Imago Relationship Therapy was created by Harville Hendrix and Helen LaKelly Hunt (Harville’s wife). They define it as “a theory and therapy of committed partnership with a focus on marriage/civil partnership.”
I have been using Imago Relationship Therapy as my model of couples therapy for several years now. I have chosen to use it because I love the structure and opportunity for closeness and understanding that it provides the couple.
Why I use Imago Relationship Therapy
Before Imago I was using a more traditional model of couples therapy where the couple sit opposite me in the consultation room and proceed to tell each other, through me, what the problems in the relationship were.
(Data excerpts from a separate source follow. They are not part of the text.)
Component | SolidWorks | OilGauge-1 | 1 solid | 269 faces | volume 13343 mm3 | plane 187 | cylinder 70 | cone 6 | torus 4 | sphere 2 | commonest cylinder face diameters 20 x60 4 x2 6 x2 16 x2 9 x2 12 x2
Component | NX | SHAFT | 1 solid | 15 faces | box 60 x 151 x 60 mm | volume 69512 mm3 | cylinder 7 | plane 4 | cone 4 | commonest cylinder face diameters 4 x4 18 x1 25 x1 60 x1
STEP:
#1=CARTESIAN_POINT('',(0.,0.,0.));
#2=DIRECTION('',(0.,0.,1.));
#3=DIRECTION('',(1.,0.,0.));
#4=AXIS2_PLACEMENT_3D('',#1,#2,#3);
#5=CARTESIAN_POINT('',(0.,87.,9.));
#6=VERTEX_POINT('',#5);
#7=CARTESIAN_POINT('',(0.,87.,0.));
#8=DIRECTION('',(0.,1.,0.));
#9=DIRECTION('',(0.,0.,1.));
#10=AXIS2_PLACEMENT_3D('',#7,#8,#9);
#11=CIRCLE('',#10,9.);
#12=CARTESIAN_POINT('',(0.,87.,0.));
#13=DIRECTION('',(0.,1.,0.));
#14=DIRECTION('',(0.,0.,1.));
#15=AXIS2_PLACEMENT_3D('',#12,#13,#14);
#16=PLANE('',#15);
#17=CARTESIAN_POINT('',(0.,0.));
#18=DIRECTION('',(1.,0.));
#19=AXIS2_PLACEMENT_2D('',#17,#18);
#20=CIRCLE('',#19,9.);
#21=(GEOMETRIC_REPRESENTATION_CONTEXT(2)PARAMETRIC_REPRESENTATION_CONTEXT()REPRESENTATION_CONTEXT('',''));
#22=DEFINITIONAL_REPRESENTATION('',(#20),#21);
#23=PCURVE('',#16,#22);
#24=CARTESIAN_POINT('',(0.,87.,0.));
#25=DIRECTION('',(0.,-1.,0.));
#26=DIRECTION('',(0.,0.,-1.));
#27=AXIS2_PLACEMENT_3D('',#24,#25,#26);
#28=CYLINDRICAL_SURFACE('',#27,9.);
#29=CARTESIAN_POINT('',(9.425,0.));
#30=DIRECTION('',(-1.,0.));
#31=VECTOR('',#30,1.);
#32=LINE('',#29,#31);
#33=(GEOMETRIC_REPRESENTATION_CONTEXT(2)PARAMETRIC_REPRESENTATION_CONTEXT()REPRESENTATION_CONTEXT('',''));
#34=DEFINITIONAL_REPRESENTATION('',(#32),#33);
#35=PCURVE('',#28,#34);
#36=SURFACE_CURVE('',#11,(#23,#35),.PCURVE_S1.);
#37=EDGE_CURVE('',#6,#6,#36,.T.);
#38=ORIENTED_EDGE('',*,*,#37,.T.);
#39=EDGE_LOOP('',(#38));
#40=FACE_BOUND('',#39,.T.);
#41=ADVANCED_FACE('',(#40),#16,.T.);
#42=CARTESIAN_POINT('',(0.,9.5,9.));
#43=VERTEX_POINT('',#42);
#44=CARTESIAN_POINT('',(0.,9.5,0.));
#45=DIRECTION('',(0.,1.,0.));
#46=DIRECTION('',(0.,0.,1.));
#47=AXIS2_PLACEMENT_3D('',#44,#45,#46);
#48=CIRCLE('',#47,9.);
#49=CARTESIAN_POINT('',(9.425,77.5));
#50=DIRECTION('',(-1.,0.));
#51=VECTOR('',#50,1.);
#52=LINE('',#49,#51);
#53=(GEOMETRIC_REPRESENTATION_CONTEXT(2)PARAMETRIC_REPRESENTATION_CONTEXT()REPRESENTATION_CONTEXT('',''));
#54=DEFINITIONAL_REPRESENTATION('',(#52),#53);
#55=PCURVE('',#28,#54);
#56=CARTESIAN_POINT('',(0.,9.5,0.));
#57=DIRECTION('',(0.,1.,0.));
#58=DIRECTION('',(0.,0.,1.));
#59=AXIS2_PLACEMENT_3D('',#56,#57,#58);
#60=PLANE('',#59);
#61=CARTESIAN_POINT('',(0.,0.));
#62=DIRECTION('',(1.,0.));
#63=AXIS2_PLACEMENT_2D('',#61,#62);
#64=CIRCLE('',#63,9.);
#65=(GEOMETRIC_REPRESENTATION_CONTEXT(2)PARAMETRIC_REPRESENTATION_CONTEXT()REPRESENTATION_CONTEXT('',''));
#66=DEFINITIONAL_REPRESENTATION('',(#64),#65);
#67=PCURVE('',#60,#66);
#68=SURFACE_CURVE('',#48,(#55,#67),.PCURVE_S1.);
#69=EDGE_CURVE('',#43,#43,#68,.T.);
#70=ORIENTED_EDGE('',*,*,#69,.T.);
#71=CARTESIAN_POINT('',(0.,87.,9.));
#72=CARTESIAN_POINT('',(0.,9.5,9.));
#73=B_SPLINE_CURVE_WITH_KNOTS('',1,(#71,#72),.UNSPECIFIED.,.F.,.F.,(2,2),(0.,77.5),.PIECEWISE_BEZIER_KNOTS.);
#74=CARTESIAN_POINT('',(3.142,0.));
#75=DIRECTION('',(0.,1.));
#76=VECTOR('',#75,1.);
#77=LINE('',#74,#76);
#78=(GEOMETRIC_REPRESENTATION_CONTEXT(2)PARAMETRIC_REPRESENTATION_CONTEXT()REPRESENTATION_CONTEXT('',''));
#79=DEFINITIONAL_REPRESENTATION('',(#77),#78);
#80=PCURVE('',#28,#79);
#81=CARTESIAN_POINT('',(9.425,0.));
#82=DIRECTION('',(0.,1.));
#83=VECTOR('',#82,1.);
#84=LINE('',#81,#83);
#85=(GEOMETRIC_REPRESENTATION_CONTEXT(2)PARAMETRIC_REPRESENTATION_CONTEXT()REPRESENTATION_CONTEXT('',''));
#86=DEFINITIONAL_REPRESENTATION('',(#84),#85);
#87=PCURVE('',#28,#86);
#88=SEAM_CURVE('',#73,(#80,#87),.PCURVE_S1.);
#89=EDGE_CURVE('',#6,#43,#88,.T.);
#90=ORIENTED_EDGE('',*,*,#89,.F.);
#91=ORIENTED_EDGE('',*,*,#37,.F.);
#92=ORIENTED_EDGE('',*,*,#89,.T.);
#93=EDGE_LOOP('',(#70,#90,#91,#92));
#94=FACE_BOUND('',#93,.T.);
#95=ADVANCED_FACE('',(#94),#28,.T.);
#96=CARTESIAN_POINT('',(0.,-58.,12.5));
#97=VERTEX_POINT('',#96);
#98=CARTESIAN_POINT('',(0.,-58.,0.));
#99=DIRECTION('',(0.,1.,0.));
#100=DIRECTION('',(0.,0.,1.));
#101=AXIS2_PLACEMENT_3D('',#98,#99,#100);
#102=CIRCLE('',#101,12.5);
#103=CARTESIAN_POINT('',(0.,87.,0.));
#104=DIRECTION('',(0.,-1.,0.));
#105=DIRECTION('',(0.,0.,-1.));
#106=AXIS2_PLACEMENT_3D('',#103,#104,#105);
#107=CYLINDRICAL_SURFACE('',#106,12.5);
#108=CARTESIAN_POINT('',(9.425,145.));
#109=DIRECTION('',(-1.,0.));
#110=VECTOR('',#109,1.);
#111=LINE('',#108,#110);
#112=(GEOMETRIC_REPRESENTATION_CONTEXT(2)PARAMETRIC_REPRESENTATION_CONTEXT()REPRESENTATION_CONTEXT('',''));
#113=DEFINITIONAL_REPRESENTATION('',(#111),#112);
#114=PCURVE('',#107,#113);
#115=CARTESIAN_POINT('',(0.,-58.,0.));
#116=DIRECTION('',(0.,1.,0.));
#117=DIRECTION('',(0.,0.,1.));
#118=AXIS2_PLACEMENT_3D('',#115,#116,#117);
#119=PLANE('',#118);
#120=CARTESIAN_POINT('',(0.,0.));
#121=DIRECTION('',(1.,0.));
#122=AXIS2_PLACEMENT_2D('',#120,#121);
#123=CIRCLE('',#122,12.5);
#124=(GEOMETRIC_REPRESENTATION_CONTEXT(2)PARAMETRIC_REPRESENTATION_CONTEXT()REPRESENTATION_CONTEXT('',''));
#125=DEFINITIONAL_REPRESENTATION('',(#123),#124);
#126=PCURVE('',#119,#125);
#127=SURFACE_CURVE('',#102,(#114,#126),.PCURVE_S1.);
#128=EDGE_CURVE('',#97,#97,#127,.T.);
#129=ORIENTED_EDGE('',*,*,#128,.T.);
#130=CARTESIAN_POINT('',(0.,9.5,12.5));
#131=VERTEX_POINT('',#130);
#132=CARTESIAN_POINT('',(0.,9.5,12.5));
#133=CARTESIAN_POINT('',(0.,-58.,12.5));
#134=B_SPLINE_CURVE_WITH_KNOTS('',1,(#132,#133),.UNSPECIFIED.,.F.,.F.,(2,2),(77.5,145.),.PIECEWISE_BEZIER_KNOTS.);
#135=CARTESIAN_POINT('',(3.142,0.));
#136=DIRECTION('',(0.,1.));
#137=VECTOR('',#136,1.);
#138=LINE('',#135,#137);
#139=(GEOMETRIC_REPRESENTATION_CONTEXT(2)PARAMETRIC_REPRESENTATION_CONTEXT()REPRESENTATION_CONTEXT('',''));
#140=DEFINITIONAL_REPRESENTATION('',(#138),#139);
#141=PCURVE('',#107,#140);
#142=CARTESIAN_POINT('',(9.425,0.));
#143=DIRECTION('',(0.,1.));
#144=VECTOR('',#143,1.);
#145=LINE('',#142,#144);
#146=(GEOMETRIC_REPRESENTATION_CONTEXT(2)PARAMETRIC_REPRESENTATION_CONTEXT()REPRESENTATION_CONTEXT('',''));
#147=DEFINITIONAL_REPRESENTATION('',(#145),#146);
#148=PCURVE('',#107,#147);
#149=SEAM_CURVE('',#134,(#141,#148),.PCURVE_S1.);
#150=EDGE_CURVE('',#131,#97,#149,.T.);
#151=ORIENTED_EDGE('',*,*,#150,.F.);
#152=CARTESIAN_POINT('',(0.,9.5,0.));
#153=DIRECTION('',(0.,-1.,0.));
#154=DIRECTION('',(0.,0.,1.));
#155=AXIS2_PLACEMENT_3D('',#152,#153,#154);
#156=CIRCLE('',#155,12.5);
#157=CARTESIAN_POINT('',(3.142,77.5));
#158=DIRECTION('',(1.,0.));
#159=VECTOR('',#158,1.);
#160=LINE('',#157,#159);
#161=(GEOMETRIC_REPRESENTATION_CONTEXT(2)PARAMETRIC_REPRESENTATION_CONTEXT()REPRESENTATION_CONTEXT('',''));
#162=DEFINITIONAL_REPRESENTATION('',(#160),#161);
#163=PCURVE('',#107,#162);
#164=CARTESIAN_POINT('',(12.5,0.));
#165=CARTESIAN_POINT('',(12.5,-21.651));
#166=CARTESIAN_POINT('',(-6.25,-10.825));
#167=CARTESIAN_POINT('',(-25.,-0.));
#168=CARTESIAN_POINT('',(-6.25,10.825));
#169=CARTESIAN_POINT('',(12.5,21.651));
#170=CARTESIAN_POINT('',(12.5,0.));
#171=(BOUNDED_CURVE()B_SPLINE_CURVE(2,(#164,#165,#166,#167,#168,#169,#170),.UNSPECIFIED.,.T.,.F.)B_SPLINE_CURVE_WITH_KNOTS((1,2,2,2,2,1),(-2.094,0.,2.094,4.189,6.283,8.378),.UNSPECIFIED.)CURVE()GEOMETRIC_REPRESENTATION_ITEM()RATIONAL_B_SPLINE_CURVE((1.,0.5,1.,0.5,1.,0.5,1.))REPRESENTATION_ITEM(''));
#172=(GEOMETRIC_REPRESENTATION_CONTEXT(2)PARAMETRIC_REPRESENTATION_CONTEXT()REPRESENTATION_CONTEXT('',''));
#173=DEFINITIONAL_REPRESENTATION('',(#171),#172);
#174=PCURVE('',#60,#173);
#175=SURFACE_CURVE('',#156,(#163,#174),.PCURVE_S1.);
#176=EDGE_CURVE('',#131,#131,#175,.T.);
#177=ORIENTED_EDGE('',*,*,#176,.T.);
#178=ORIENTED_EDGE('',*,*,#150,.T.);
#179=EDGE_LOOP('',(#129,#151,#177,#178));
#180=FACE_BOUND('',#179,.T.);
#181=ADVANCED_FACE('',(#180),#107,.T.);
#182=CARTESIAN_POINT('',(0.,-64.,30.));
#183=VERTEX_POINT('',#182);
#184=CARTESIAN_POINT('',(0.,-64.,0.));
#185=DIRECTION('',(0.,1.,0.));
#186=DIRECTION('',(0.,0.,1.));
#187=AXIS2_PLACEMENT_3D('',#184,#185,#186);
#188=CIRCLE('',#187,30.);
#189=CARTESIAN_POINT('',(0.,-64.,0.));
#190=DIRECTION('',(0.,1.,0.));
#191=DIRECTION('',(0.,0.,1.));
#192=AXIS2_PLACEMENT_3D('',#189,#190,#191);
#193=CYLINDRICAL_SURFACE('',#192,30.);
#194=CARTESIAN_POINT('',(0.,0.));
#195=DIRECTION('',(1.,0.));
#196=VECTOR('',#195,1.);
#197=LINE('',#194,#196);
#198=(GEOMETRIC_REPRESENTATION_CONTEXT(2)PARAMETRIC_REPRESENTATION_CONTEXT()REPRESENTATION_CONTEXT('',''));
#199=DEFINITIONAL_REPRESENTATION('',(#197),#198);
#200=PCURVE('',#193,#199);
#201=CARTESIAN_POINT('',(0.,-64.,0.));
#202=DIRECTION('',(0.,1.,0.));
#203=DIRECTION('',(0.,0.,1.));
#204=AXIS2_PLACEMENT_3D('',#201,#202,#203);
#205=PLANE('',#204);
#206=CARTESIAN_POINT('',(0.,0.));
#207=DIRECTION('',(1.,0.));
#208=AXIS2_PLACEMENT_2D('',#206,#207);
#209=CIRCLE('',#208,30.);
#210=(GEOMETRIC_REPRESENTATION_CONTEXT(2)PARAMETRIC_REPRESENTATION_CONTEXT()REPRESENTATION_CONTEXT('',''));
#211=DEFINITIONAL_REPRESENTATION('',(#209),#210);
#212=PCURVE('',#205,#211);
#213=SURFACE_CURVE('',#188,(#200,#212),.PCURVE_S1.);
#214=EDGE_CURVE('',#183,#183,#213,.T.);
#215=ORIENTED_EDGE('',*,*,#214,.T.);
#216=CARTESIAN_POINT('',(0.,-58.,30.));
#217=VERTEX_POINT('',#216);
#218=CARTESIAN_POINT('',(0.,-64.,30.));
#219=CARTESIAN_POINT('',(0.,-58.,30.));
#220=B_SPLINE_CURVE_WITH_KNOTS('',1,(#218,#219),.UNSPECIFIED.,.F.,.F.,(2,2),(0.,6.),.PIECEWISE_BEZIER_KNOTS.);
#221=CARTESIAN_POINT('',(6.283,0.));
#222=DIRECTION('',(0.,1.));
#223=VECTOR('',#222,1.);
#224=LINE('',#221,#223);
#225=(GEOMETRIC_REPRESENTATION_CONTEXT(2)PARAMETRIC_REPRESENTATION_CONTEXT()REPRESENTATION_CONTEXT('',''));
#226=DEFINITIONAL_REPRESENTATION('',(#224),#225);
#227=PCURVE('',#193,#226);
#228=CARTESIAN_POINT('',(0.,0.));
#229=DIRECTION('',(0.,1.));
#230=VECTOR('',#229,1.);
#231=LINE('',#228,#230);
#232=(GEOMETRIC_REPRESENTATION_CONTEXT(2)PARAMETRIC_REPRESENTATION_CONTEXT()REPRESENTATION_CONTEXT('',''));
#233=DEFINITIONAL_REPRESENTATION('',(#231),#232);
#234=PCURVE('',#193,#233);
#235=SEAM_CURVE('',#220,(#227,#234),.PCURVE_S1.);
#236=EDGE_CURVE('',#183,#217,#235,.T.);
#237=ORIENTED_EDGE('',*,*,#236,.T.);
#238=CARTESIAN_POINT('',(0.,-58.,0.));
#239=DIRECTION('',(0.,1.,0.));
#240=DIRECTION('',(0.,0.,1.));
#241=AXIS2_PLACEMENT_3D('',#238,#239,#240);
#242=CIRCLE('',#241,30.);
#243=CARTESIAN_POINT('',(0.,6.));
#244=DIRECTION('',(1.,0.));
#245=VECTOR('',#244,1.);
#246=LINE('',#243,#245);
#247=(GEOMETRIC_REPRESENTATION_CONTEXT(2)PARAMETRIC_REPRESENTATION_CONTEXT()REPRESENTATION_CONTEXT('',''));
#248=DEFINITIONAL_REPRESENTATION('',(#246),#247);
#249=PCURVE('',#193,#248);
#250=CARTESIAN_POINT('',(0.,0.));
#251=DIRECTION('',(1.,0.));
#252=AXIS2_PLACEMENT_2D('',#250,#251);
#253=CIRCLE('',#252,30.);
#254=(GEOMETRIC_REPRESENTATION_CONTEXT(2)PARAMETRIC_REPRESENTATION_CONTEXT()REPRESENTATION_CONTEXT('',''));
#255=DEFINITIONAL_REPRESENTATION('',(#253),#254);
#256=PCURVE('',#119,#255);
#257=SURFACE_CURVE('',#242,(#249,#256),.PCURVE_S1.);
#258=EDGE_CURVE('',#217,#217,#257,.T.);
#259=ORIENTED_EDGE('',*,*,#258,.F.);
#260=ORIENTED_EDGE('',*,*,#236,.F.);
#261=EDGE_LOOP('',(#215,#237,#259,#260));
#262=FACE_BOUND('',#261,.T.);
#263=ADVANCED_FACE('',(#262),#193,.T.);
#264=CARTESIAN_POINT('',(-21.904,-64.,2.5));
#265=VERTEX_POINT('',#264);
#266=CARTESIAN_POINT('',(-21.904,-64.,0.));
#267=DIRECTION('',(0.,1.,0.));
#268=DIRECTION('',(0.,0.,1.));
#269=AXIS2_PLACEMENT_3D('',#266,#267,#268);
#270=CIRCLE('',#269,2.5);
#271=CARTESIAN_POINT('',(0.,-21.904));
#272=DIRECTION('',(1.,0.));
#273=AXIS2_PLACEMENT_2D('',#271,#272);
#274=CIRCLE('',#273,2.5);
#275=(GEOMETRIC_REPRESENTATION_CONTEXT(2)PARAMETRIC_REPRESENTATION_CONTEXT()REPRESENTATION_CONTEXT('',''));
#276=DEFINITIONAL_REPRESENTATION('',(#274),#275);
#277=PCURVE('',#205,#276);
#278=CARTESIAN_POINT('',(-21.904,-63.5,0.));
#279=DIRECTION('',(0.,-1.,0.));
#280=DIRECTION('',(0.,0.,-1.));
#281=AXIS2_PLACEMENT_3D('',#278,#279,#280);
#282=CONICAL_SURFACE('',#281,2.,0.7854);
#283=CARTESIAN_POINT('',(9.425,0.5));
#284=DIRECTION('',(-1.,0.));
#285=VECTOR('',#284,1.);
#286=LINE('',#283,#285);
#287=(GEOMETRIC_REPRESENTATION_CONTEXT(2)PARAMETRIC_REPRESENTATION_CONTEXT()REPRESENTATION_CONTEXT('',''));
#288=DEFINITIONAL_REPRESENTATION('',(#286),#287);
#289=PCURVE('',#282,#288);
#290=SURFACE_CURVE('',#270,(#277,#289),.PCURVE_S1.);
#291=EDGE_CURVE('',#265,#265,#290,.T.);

When I was working this way it felt unsafe, for me and for both clients and arguments that the couple were having outside the therapy room would often be brought into it and I would be invited to be the referee. This was not a great way to spend an hour of my life and provided no benefit to the clients.
In Imago Relationship Therapy the couple sits opposite each other and talk to each other following a very structured pattern. It’s the structure that provides the safety. As each partner feels safe they begin to drop their defenses and start to talk to each other properly about what is going on for them.
Imago Relationship Theory suggests that the purpose of partnering up is to complete childhood and heal the childhood wounds we experienced as a child. We seek a partner that has many of the characteristics of our parents and and caregivers in the unconsciouse hope that they will help us to feel whole again.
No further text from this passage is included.